RALEIGH, N.C. (AP) -North Carolina State’s most reliable receiver missed all of Tom O’Brien’s debut season with a serious injury. The team’s top two rushers were severely banged up and barely played for their new coach.
And as O’Brien prepares to start his second year in Raleigh, some of his best players are once again carrying crutches instead of helmets.
“I’m pretty sure we’re used to it now,” tight end Anthony Hill said.
Hill didn’t play a down last year after leading the team in receptions in 2006 and then tearing a knee ligament in the offseason, one of the most prominent casualties of an injury-riddled year that never really got going until it was too late.
The health concerns that kept 10 starters out of games last season have threatened to derail Year 2 of O’Brien’s reconstruction project, leading the former Marine to quip of his defensive line that “we don’t want to be in a situation where we’re playing a German and a walk-on the second or third game of the year.
“We’re almost there at safety,” he added, “except we don’t have a German.”
O’Brien was referring to Markus Kuhn, who never started, but saw action in 11 games last season at tackle and end.
N.C. State fans have to wonder what O’Brien’s team can accomplish if the veteran coach ever has a full complement of players on the depth chart. While every team deals with the bumps and bruises that come with preseason camp, the Wolfpack have been particularly cursed:
– Running back Toney Baker, still recovering from the knee injury he suffered in the ’07 opener, had a subsequent operation to clean out extra cartilage in his knee. That procedure likely will sideline him for a few more weeks.
– Safety Clem Johnson is out with a broken jaw suffered during a preseason scrimmage, further thinning the depth at a position that had few bodies already.
– Top returning receiver Donald Bowens will miss the season with a hairline fracture in his spine.
Even though the injuries have forced players to learn how to adjust to the loss of a teammates, the Wolfpack clearly can’t afford any more casualties.
“They take things in stride much better (this year), which is good,” O’Brien said. “Surely there are going to be injuries, but hopefully none this significant as the (ones) we’ve had in camp.”
Bowens caught 41 passes for 598 yards and three touchdowns last year. His injury robs the Wolfpack of their leading returning receiver and most capable return man while also leaving an unsettled quarterback situation without its most dependable target.

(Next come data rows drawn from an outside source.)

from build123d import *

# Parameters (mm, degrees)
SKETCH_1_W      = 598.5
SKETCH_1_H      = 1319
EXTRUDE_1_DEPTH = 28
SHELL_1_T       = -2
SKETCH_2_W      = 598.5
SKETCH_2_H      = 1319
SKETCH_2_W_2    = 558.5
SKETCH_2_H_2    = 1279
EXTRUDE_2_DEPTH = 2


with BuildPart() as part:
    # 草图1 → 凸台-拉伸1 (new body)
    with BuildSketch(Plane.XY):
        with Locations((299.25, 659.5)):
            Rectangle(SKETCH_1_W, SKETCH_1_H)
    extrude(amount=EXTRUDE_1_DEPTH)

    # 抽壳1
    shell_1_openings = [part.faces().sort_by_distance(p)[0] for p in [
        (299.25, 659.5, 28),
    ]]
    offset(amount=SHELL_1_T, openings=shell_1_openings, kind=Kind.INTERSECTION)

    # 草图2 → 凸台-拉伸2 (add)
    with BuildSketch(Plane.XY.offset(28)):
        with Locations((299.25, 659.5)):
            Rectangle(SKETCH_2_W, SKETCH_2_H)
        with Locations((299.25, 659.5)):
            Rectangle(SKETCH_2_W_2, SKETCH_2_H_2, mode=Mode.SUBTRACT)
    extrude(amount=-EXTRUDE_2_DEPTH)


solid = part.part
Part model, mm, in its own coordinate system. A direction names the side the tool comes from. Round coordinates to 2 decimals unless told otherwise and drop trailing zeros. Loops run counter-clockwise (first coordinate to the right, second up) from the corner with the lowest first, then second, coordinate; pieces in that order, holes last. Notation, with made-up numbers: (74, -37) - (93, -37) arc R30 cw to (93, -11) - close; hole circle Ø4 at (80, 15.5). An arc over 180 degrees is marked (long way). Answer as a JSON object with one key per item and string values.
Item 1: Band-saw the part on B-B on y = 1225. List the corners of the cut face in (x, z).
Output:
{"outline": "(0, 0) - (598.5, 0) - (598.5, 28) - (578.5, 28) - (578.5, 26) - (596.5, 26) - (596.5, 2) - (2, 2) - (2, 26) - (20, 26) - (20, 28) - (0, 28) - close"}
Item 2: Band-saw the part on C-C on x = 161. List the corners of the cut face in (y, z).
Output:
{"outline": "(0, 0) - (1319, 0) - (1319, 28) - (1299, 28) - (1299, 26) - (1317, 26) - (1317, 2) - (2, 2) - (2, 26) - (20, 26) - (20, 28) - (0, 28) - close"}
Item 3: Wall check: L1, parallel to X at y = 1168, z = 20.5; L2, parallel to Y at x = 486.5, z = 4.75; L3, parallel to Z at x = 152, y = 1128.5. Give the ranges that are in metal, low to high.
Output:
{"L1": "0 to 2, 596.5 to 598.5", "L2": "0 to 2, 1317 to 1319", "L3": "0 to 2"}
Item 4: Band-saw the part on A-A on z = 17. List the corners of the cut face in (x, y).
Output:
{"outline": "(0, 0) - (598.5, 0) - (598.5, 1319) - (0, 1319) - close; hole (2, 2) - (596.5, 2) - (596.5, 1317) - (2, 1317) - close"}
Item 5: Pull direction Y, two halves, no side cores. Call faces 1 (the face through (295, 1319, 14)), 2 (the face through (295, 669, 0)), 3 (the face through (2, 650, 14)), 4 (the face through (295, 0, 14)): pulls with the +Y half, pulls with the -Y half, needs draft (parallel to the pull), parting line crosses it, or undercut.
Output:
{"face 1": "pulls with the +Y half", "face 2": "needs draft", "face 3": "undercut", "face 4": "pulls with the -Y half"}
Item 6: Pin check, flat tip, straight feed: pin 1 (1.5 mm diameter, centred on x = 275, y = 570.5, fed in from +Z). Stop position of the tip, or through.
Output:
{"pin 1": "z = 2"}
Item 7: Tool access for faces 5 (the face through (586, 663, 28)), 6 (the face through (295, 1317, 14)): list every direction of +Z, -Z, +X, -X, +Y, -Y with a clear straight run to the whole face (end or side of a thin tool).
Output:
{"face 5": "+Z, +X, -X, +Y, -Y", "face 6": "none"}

“When you lose your most experienced and best receiver, that certainly hurts you when you’re trying to find a quarterback,” O’Brien said. “It’s a tough situation to be in and it’s a tough situation for him to sit out this year. But we faced, and in my past we faced, these situations and one man’s misfortune is another man’s opportunity. So (I’m) just waiting for another man to step up and take that opportunity.”
There are plenty of other questions up and down the lineup for N.C. State, which rebounded from a 1-5 start last season to win four straight and threaten to win bowl eligibility before ending the season with losses to Wake Forest and Maryland.
One-time third-stringer Jamelle Eugene emerged as the team’s go-to back last year when Baker and Andre Brown went down, but can he carry the load all season? The defense ranked among the nation’s worst last season, so is the loss of seven starters actually a good thing?
And just who will throw the ball to the thinned group of receivers?
An open five-man quarterback competition has been whittled to three, with third-year starter Daniel Evans vying for his old job against redshirt freshman Russell Wilson and freshman Mike Glennon. Evans, the only candidate with game experience, led the Wolfpack’s four-game winning streak last season but there remain lingering concerns about the 6-foot-2 player’s arm strength.
O’Brien plans to settle on a starter by the team’s final scrimmage of the preseason, roughly a week before N.C. State opens the season with a difficult test at South Carolina.
“You’re going to have to learn to play before a crowd sooner or later, so why not start off the bat and go do it?” O’Brien said. “Maybe it’s not the most ideal way you want to start. … But they’re all competitors. They all want to play against the best, and that’s part of being at that position too, is accepting challenges to be the guy to go down there and play.”